M. L. Forister, C. A. Halsch, C. C. Nice, J. A. Fordyce, T. E. Dilts, J. C. Oliver, K. L. Prudic, A. M. Shapiro, J. K. Wilson, J. Glassberg

Research output: Contribution to journalArticlepeer-review

20 Scopus citations

Abstract

Uncertainty remains regarding the role of anthropogenic climate change in declining insect populations, partly because our understanding of biotic response to climate is often complicated by habitat loss and degradation among other compounding stressors. We addressed this challenge by integrating expert and community scientist datasets that include decades of monitoring across more than 70 locations spanning the western United States.

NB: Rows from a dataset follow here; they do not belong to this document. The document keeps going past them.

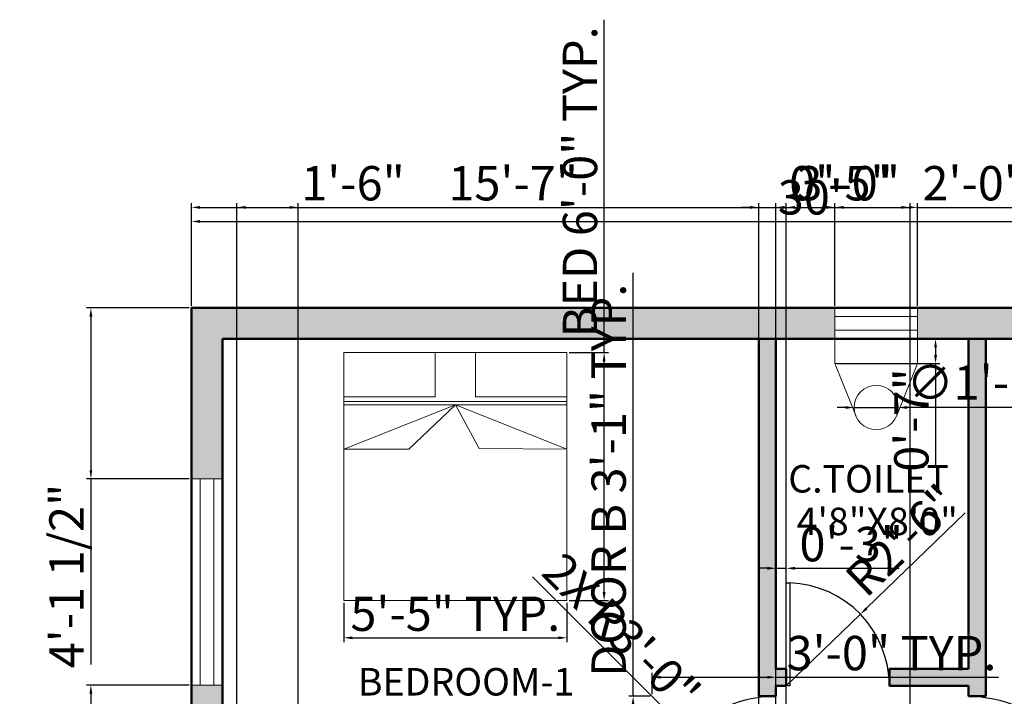
# Model space of a CAD drawing. Units: inches. Extents: x 2719 to 3167, y 1639 to 2327.
# Tile 3 of 4: x 2719 to 3005, y 2130 to 2327. Entities that reach past the tile are written whole.
import ezdxf

# ---------------------------------------------------------------- set-up
doc = ezdxf.new("R2010")
doc.units = ezdxf.units.IN
for name, color, linetype, lineweight in [('A-ANNO-DIMS', 121, 'Continuous', 18), ('A-AREA-IDEN', 121, 'Continuous', 18), ('A-DOOR', 50, 'Continuous', 25), ('A-FLOR-FIXT', 211, 'Continuous', 18), ('A-FURN', 211, 'Continuous', 18), ('A-GLAZ', 191, 'Continuous', 18), ('A-WALL', 7, 'Continuous', 50)]:
    doc.layers.add(name, color=color, linetype=linetype, lineweight=lineweight)
doc.layers.add('A-WALL-PATT', color=251, linetype='Continuous', lineweight=13, true_color=0x636466)
doc.styles.get("Standard").update_dxf_attribs({"font": 'arial.ttf'})
doc.dimstyles.new('ISO-25', dxfattribs={"dimtxt": 10, "dimasz": 2.5, "dimexe": 1.25, "dimexo": 0.625, "dimtad": 1, "dimdec": 0, "dimlunit": 3, "dimtxsty": 'Standard', "dimcen": 2.5, "dimadec": 0, "dimazin": 0, "dimtfac": 1, "dimtdec": 0, "dimtmove": 0, "dimatfit": 3, "dimfxl": 1, "dimarcsym": 0})

# ---------------------------------------------------------------- blocks, each defined once
blk = doc.blocks.new('*D1')
at = {"layer": 'A-ANNO-DIMS', "color": 0, "lineweight": -2, "transparency": 16777216}
for p, q in [((2768.8, 2244.06), (2768.8, 2269.84)), ((2771.3, 2268.59), (3126.3, 2268.59)), ((3128.8, 2244.06), (3128.8, 2269.84))]:
    blk.add_line(p, q, dxfattribs=at)
at = {"layer": 'A-ANNO-DIMS', "color": 0, "transparency": 16777216}
for points in [[(2771.3, 2269.01), (2771.3, 2268.17), (2768.8, 2268.59)], [(3126.3, 2269.01), (3126.3, 2268.17), (3128.8, 2268.59)]]:
    blk.add_solid(points, dxfattribs=at)
at = {"layer": 'Defpoints', "color": 0, "transparency": 16777216}
for p in [(3128.8, 2268.59), (2768.8, 2243.44), (3128.8, 2243.44)]:
    blk.add_point(p, dxfattribs=at)
at = {"layer": 'A-ANNO-DIMS', "color": 0, "transparency": 16777216, "insert": (2948.8, 2274.32), "char_height": 10, "attachment_point": 5}
blk.add_mtext("30'", dxfattribs=at)
blk = doc.blocks.new('BED-DOUBLE')
for p, q in [((0, 57.96), (64.91, 57.96)), ((0, 56.96), (64.91, 56.96)), ((32.46, 56.96), (0, 44.1)), ((32.46, 56.96), (18.94, 44.05)), ((32.46, 56.96), (64.91, 44.04)), ((32.46, 56.96), (39.4, 44.29)), ((18.94, 44.05), (0, 44.05)), ((39.4, 44.29), (64.91, 44.04))]:
    blk.add_line(p, q)
for points in [[(0, 72.15), (64.91, 72.15), (64.91, 0), (0, 0)], [(0, 72.15), (26.55, 72.15), (26.55, 59.27), (0, 59.27)], [(38.37, 72.15), (64.91, 72.15), (64.91, 59.27), (38.37, 59.27)]]:
    blk.add_lwpolyline(points, close=True)
blk = doc.blocks.new('WIN-60IN')
for p, q in [((9, 60), (0, 60)), ((2.5, 60), (2.5, 0)), ((6.5, 60), (6.5, 0)), ((9, 0), (0, 0))]:
    blk.add_line(p, q)
blk = doc.blocks.new('DOOR-36IN-QUARTER-SWING')
for p, q in [((0, 0), (0, 1)), ((0, 1), (36, 1)), ((36, 0), (0, 0)), ((36, 1), (36, 0))]:
    blk.add_line(p, q)
blk.add_arc((36, 1), 36, 90, 180)
blk = doc.blocks.new('*D9')
at = {"layer": 'A-ANNO-DIMS', "color": 0, "lineweight": -2, "transparency": 16777216}
for p, q in [((2888.82, 2230.43), (2888.82, 2327.3)), ((2878.63, 2230.43), (2890.07, 2230.43)), ((2888.82, 2160.78), (2888.82, 2227.93)), ((2878.63, 2158.28), (2890.07, 2158.28))]:
    blk.add_line(p, q, dxfattribs=at)
at = {"layer": 'A-ANNO-DIMS', "color": 0, "transparency": 16777216}
for points in [[(2888.41, 2227.93), (2889.24, 2227.93), (2888.82, 2230.43)], [(2888.41, 2160.78), (2889.24, 2160.78), (2888.82, 2158.28)]]:
    blk.add_solid(points, dxfattribs=at)
at = {"layer": 'Defpoints', "color": 0, "transparency": 16777216}
for p in [(2878, 2230.43), (2888.82, 2230.43), (2878, 2158.28)]:
    blk.add_point(p, dxfattribs=at)
at = {"layer": 'A-ANNO-DIMS', "color": 0, "transparency": 16777216, "insert": (2883.09, 2280.11), "char_height": 10, "attachment_point": 5, "rotation": 90}
blk.add_mtext('BED 6\'-0" TYP.', dxfattribs=at)
blk = doc.blocks.new('*D10')
at = {"layer": 'A-ANNO-DIMS', "color": 0, "lineweight": -2, "transparency": 16777216}
for p, q in [((2813.09, 2157.65), (2813.09, 2146.21)), ((2878, 2157.65), (2878, 2146.21)), ((2815.59, 2147.46), (2875.5, 2147.46))]:
    blk.add_line(p, q, dxfattribs=at)
at = {"layer": 'A-ANNO-DIMS', "color": 0, "transparency": 16777216}
for points in [[(2815.59, 2147.87), (2815.59, 2147.04), (2813.09, 2147.46)], [(2875.5, 2147.87), (2875.5, 2147.04), (2878, 2147.46)]]:
    blk.add_solid(points, dxfattribs=at)
at = {"layer": 'Defpoints', "color": 0, "transparency": 16777216}
for p in [(2813.09, 2158.28), (2878, 2158.28), (2878, 2147.46)]:
    blk.add_point(p, dxfattribs=at)
at = {"layer": 'A-ANNO-DIMS', "color": 0, "transparency": 16777216, "insert": (2845.54, 2153.17), "char_height": 10, "attachment_point": 5}
blk.add_mtext('5\'-5" TYP.', dxfattribs=at)
blk = doc.blocks.new('*D13')
at = {"layer": 'A-ANNO-DIMS', "color": 0, "lineweight": -2, "transparency": 16777216}
for p, q in [((2897.25, 2130.44), (2897.25, 2253.63)), ((2902.17, 2130.44), (2896, 2130.44)), ((2897.25, 2095.94), (2897.25, 2127.94)), ((2902.17, 2093.44), (2896, 2093.44))]:
    blk.add_line(p, q, dxfattribs=at)
at = {"layer": 'A-ANNO-DIMS', "color": 0, "transparency": 16777216}
for points in [[(2896.83, 2127.94), (2897.66, 2127.94), (2897.25, 2130.44)], [(2896.83, 2095.94), (2897.66, 2095.94), (2897.25, 2093.44)]]:
    blk.add_solid(points, dxfattribs=at)
at = {"layer": 'Defpoints', "color": 0, "transparency": 16777216}
for p in [(2897.25, 2130.44), (2902.8, 2130.44), (2902.8, 2093.44)]:
    blk.add_point(p, dxfattribs=at)
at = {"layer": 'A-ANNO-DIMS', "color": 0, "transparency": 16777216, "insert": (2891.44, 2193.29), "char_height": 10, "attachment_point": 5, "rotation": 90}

We found a 1.6% annual reduction in the number of individual butterflies observed over the past four decades, associated in particular with warming during fall months. The pervasive declines that we report advance our understanding of climate change impacts and suggest that a new approach is needed for butterfly conservation in the region, focused on suites of species with shared habitat or host associations.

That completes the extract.